Determine non-trivial homomorhisms $\phi:\mathbb{Z}_{9}\to \mathbb{Z}_{12}$ and $\phi:\mathbb{Z}_{40}\to \mathbb{Z}_{28}$ 
Determine non-trivial homomorphisms in each of the following cases:
$$(1)~ \phi:\mathbb{Z}_{15}\to \mathbb{Z}_{45},$$
$$(2) ~\phi:\mathbb{Z}_{9}\to \mathbb{Z}_{12},$$
$$(3) ~\phi:\mathbb{Z}_{40}\to \mathbb{Z}_{28}.$$

Attempt. (1) (Notation: $[a]_n:=a+n\mathbb{Z}$ for $a\in \mathbb{Z}$ and $n \in \mathbb{Z}$). Let
$$\phi_1:\mathbb{Z}_{15}\to \mathbb{Z}_{5}\times \mathbb{Z}_{3}:~[a]_{15}\mapsto ([a]_{5},[a]_3),$$
$$\phi_2:\mathbb{Z}_{5}\times \mathbb{Z}_{3}\to \mathbb{Z}_{5}\times \mathbb{Z}_9:~([a]_{5},[b]_3)\mapsto ([a]_{5},[0]_9),$$
$$\phi_3:\mathbb{Z}_{5}\times \mathbb{Z}_{9}\to \mathbb{Z}_{45}:~([a]_{5},[b]_9)\mapsto [-a+2b]_{45},$$
where $\phi_1,\,\phi_3$ are isomorphisms and $\phi_2$ is homomorphism (see the answer of Construct a non trivial homomorphism $\mathbb Z_{14} \to\mathbb Z_{21}$, noting that $-1\cdot 9+2\cdot 5=1$). Then $$\phi_3\circ \phi_2 \circ \phi_1:\mathbb{Z}_{15}\to \mathbb{Z}_{45}:[a]_{15}\mapsto [-a]_{45}$$
defines a non-trivial homomorphism, as wanted. 

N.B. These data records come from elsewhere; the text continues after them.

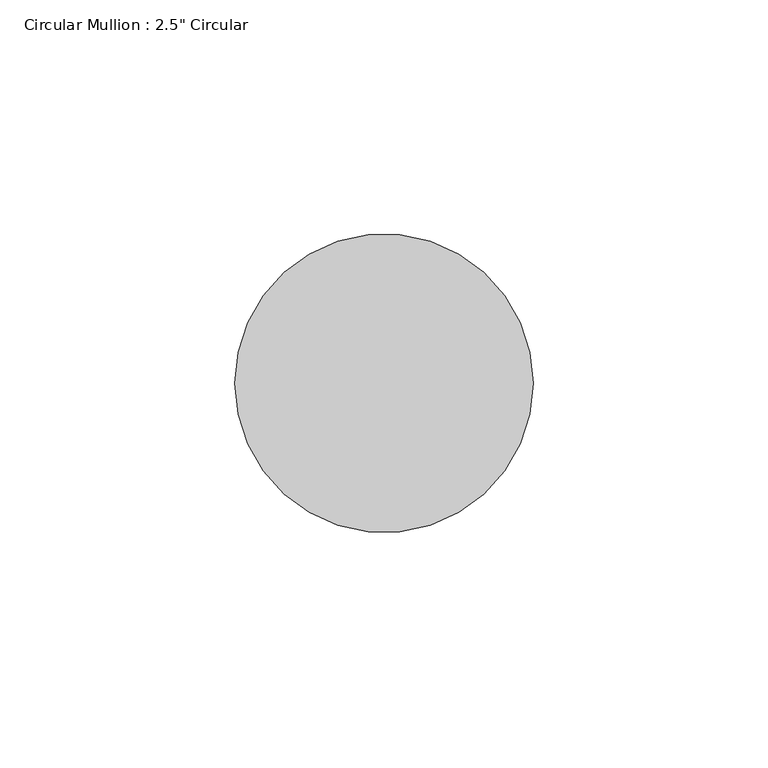
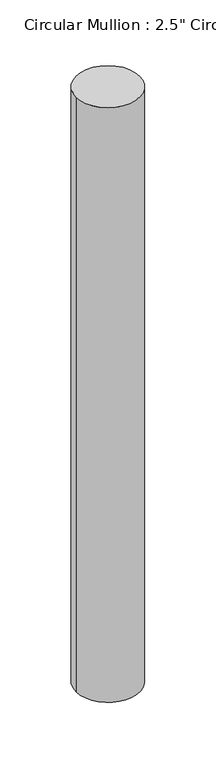
"""IFC4 building model written with IfcOpenShell, lengths in millimetres: member geometry."""

from ifc_helpers import new_model, si_unit, point, frame, origin, origin_2d, place, context, project, spatial, circle_curve, trimmed, segment, composite_curve, outline, extrude, source, transform, mapped, element, save


def member_28930b13(model_context):
    return source(origin(), model_context, "Body", "SweptSolid", [
        extrude(outline(composite_curve([segment(trimmed(circle_curve(origin_2d(), 31.75), [point((31.75, 0.0))], [point((-31.75, 0.0))], False, "CARTESIAN"), True, "CONTINUOUS"), segment(trimmed(circle_curve(origin_2d(), 31.75), [point((-31.75, 0.0))], [point((31.75, 0.0))], False, "CARTESIAN"), True, "CONTINUOUS")], self_intersect=False)), frame((0.0, 0.0, -626.5333333), z_axis=(0.0, 0.0, 1.0), x_axis=(1.0, 0.0, 0.0)), (0.0, 0.0, 1.0), 626.5333333),
    ])


if __name__ == "__main__":
    model = new_model("IFC4")
    model_context = context("Model", 3, world=origin())
    ifc_project = project(units=[si_unit("LENGTHUNIT", "METRE", prefix="MILLI")], contexts=[model_context])
    site = spatial("IfcSite", under=ifc_project)
    building = spatial("IfcBuilding", under=site)
    placement = place(None, origin())
    member_shape = member_28930b13(model_context)
    element("IfcMember", 1, ObjectType="Circular Mullion : 2.5\" Circular", at=placement, inside=building, context=model_context, shape_type="MappedRepresentation", body=[
        mapped(member_shape, transform((0.0, 0.0, 0.0), x_axis=(1.0, 0.0, 0.0), y_axis=(0.0, 1.0, 0.0), z_axis=(0.0, 0.0, 1.0))),
    ])
    save(model, "model.ifc")

# Revit data of these elements
# Type "Circular Mullion : 2.5\" Circular"
#   built-in parameter 1007350 = 0.104167 (stored number, unit not read)
# Element 1 (IfcMember, "Circular Mullion : 2.5\" Circular")
#   Materials on its faces: "Door - Frame"
# Materials
#   "Door - Frame": colour RGB 118 70 51, transparency 0, Cost = 0

Regarding the second example, since $\mathbb{Z}_9 \ncong \mathbb{Z}_3\times \mathbb{Z}_3,$ we can not proceed as above (using the   factor $\mathbb{Z}_3$). I found the same difficulty also in $\mathbb{Z}_{40}$, where $\mathbb{Z}_{40}\ncong \mathbb{Z}_4\times \mathbb{Z}_{10}$.
Thanks in advance for the help.
 A: You want group morphisms right, not ring morphisms? 
If so, I would approach the problem differently, let say that you want to establish a non trivial group morphism $\Bbb Z_a \to \Bbb Z_b$ where $a,b \in \Bbb N^*$. 
Let $k \in \Bbb Z$ such that $lcm(a,b)=ka$, and define $\phi: \Bbb Z \to \Bbb Z_b$, $n \mapsto [kn]_b$. 
Since $ker(\phi)=(b/k) \Bbb Z$, and $(b/k) | a$ then $a \Bbb Z \subset ker( \phi)$, and thus the application $\phi$ factors into a $\Bbb Z_a \to \Bbb Z_b$ map. 
It is non trivial as long as $k \neq b$ (you will have $[k]_b \neq 0$), so you just have to check that $a$ and $b$ are not coprime i.e. $gcd(a,b) \neq 1$.
Remark: $k| b$ by definition of the $lcm$, hence $(b/k)$ is an integer.
So in your cases, $a$ and $b$ are not coprime, so the following morphisms are non-trivial:
$(1)$ take $\phi: \Bbb Z_{15} \to \Bbb Z_{45}$, $[n]_{15} \mapsto [3n]_{45}$.
$(2)$ take $\phi: \Bbb Z_{9} \to \Bbb Z_{12}$, $[n]_{9} \mapsto [4n]_{12}$.
$(3)$ take $\phi: \Bbb Z_{40} \to \Bbb Z_{28}$, $[n]_{40} \mapsto [7n]_{28}$.

Edit: What about if $gcd(a,b)=1$? In that case, there is no non-trivial morphisms from $\Bbb Z_a \to \Bbb Z_b$. 
Indeed, if $\phi: \Bbb Z_a \to \Bbb Z_b$ is a group morphism, then $ker(\phi)$ is a subgroup of $\Bbb Z_a$ and $im(\phi)$ is a subgroup of $\Bbb Z_b$.
Lagrange theorem states that $card(ker(\phi)) | a$ and $card(im(\phi)) |b$.  
Moreover by the first theorem of isomorphism, $a=card(\ker(\phi)) \times card(im(\phi))$, thus $card(im(\phi)) | gcd(a,b)=1$. Hence the morphism is trivial.